This removes all the words listed inside the stopwords.txt file. Removing stop words will reduce the size of the index and improve performance. These are the standard English stop words provided by Solr:
a, an, and, are, ask, at, be, but, by, for, if, in, into, is, it, no, not, of, on, or, such, that, the, their, then, there, these, they, this, to, was, will, with.
We can manage (add or remove) words from the file as per our requirement. We can also create a file for other languages and include it by mentioning the file path in the word argument:
Factory class: solr.StopFilterFactory
Arguments:
- words (optional): The path of the file that contains a list of stop words, one per line. Blank lines and lines that begin with # will be ignored from the file. The path may be an absolute or relative path.
- format (optional): Indicates the format of the stopword list, for example, format="snowball" for a stopwords list that has been formatted for snowball.
- ignoreCase (true/false, default false): This ignores casing when testing for stop words. If it is true, the stop list should contain lowercase words.
Example:
<fieldType name="text_en" class="solr.TextField" positionIncrementGap="100">
<analyzer>
<tokenizer class="solr.StandardTokenizerFactory"/>
<filter class="solr.StopFilterFactory" words="lang/stopwords_en.txt" />
</analyzer>
</fieldType>
Input: This is an example
Tokenizer to filter: This, is, an, example
Output: This, example
Example:
<fieldType name="text_en" class="solr.TextField" positionIncrementGap="100">
<analyzer>
<tokenizer class="solr.StandardTokenizerFactory"/>
<filter class="solr.StopFilterFactory" ignoreCase="true" words="lang/stopwords_en.txt" />
</analyzer>
</fieldType>
Input: This is an example
Tokenizer to filter: This, is, an, example
Output: example
In the first example, we have not specified the argument ignoreCase, but in the second example, we have set it to true; so the outputs from both the examples are different. The location of the file stopwords_en.txt is %SOLR_HOME%/example/techproducts/solr/techproducts/conf/lang/stopwords_en.txt, as we currently understand from Solr's built-in example techproducts.

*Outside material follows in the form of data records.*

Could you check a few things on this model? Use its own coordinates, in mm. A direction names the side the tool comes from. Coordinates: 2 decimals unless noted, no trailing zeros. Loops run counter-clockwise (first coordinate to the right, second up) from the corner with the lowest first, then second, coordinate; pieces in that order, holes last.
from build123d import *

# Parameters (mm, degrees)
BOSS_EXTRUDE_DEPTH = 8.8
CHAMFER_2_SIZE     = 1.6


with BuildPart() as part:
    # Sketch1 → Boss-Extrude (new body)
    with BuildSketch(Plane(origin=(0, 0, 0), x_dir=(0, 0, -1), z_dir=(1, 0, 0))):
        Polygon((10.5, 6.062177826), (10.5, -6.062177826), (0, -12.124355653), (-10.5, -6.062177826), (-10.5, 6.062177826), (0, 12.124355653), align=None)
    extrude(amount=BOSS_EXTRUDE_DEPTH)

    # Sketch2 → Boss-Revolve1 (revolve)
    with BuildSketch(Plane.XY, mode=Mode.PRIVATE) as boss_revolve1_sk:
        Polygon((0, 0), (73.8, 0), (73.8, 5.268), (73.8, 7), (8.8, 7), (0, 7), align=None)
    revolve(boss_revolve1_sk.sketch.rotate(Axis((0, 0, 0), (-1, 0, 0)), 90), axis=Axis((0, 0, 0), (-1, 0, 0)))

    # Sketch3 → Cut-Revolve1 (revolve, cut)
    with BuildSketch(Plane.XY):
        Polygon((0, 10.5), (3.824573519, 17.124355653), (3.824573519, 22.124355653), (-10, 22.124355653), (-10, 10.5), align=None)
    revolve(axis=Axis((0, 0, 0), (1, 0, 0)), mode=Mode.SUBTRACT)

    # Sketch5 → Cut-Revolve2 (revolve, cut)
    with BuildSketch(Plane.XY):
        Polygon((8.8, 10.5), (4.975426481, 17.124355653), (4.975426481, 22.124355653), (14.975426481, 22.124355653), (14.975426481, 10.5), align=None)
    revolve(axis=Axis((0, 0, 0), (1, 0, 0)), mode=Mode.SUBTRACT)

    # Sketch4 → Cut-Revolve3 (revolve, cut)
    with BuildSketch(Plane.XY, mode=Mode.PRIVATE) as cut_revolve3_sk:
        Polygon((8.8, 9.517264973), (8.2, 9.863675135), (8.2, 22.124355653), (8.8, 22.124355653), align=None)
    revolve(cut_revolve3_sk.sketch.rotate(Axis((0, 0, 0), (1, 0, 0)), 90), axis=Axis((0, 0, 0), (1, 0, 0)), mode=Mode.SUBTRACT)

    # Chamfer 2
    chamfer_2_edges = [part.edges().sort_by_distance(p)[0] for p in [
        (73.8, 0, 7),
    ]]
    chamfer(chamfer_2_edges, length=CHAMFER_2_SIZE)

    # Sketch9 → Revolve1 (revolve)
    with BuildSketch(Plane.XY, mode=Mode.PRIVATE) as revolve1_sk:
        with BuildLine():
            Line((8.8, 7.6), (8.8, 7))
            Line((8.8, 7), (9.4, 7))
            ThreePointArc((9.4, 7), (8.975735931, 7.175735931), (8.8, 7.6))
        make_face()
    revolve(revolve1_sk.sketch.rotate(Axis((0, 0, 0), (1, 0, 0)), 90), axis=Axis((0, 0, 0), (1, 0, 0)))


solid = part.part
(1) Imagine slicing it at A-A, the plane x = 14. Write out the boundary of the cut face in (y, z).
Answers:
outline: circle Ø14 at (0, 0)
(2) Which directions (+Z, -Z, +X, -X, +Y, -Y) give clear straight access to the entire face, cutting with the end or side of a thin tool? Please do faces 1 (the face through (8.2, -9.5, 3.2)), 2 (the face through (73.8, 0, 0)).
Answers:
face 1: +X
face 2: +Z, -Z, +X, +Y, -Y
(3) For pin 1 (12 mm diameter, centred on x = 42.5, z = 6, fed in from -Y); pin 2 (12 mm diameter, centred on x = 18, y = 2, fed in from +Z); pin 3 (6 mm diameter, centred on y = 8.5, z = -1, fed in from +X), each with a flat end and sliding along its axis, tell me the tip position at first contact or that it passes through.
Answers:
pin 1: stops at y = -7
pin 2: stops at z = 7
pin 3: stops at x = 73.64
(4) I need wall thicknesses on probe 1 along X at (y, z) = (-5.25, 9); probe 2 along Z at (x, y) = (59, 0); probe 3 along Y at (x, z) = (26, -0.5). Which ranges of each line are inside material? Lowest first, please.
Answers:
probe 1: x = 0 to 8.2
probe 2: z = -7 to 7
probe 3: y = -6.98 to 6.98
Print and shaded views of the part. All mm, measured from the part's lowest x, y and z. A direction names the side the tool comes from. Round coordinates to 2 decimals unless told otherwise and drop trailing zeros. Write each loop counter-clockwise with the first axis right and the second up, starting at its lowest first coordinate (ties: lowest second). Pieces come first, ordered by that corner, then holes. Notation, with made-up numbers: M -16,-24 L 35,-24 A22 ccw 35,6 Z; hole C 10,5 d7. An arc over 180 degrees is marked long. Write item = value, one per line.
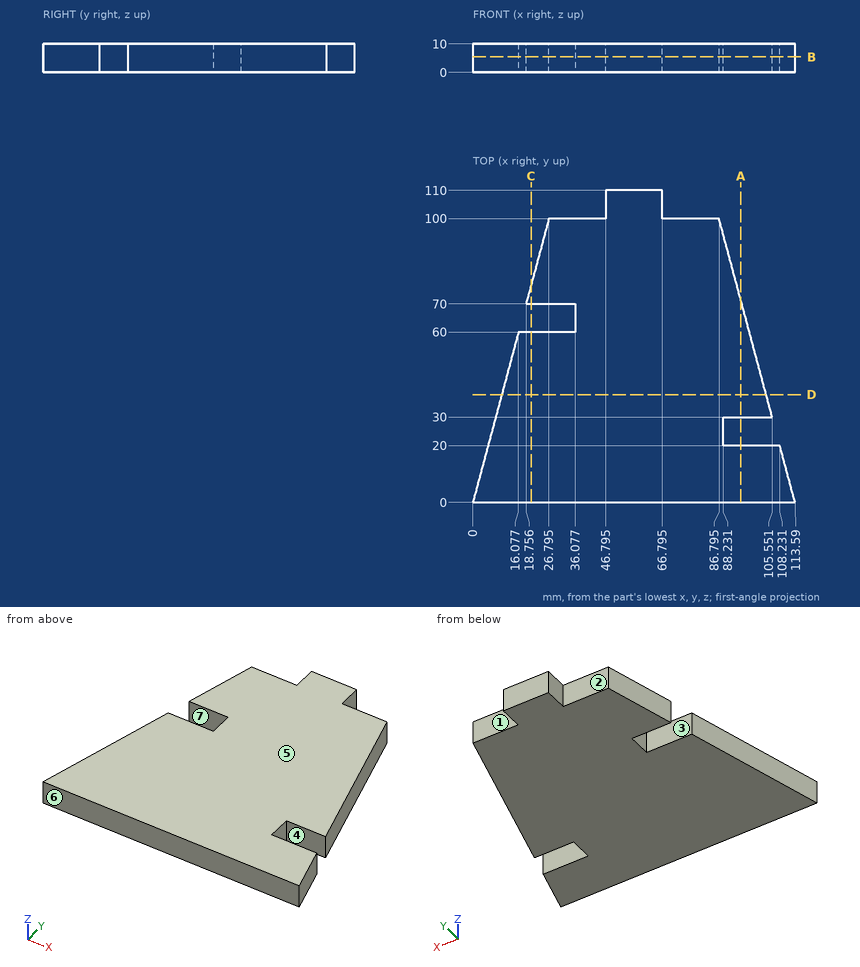
1. Tool access for the marked faces 1, 2, 3 and 4: list every direction of +Z, -Z, +X, -X, +Y, -Y with a clear straight run to the whole face (end or side of a thin tool).
Responses:
face_1 = +Z, -Z, +X, +Y
face_2 = +Z, -Z, -X, +Y
face_3 = +Z, -Z, -X
face_4 = +Z, -Z, +X
2. Band-saw the part on C-C (x = 20.5). List the corners of the cut face in (y, z).
Responses:
outline = M 0,0 L 60,0 L 60,10 L 0,10 Z; M 70,0 L 76.51,0 L 76.51,10 L 70,10 Z
3. Mould opens along Y. For the marked faces 5, 6 and 7 say: pulls with the +Y half, pulls with the -Y half, needs draft (parallel to the pull), parting line crosses it, or undercut.
Responses:
face_5 = needs draft
face_6 = pulls with the -Y half
face_7 = undercut
4. Probe probe 1 along Y at (x, z) = (31, 0.75); probe 2 along Y at (x, z) = (71, 4); probe 3 along X at (y, z) = (50, 3.75). List the from-to ranges inside material, lowest first.
Responses:
probe_1 = 0 to 60, 70 to 100
probe_2 = 0 to 100
probe_3 = 13.4 to 100.19
5. Band-saw the part on D-D (y = 38). List the corners of the cut face in (x, z), plus the area to 3 significant figures.
Responses:
outline = M 10.18,0 L 103.41,0 L 103.41,10 L 10.18,10 Z
area = 932 mm²
6. Band-saw the part on A-A (x = 94.5). List the corners of the cut face in (y, z) (1 decimal).
Responses:
outline = M 0,0 L 20,0 L 20,10 L 0,10 Z; M 30,0 L 71.2,0 L 71.2,10 L 30,10 Z
7. Flat gauge pins, fed straight in: pin 1 (3 mm diameter, centred on y = 23.5, z = 3.5, fed in from +X); pin 2 (6 mm diameter, centred on x = 15, z = 8, fed in from +Y); pin 3 (1.5 mm diameter, centred on y = 96, z = 8.5, fed in from -X). Where does each tip first touch, or does it go through?
Responses:
pin_1 = 88.23
pin_2 = 60
pin_3 = 25.52
8. Band-saw the part on B-B (z = 5.5). List the corners of the cut face in (x, y) (1 decimal), plus the area to 3 significant figures.
Responses:
outline = M 0,0 L 113.6,0 L 108.2,20 L 88.2,20 L 88.2,30 L 105.6,30 L 86.8,100 L 66.8,100 L 66.8,110 L 46.8,110 L 46.8,100 L 26.8,100 L 18.8,70 L 36.1,70 L 36.1,60 L 16.1,60 Z
area = 8,510 mm²

LCF: Converts all uppercase letters to lowercase in the token
Factory class: solr.LowerCaseFilterFactory
Arguments: None
Example:
<fieldType name="text_en" class="solr.TextField" positionIncrementGap="100">
<analyzer>
<tokenizer class="solr.StandardTokenizerFactory"/>
<filter class="solr.LowerCaseFilterFactory"/>
</analyzer>
</fieldType>
Input: This is An example
Tokenizer to Filter: This, is, An, example
Output: this, is, an, example
All uppercase letters from the tokens are converted to lowercase. The sequence order of LowerCaseFilterFactory in the filter chain should be significant. If we define LCF before stop filter, Solr will unnecessarily apply lower case filtering on those stop words that are going to be removed in the next step.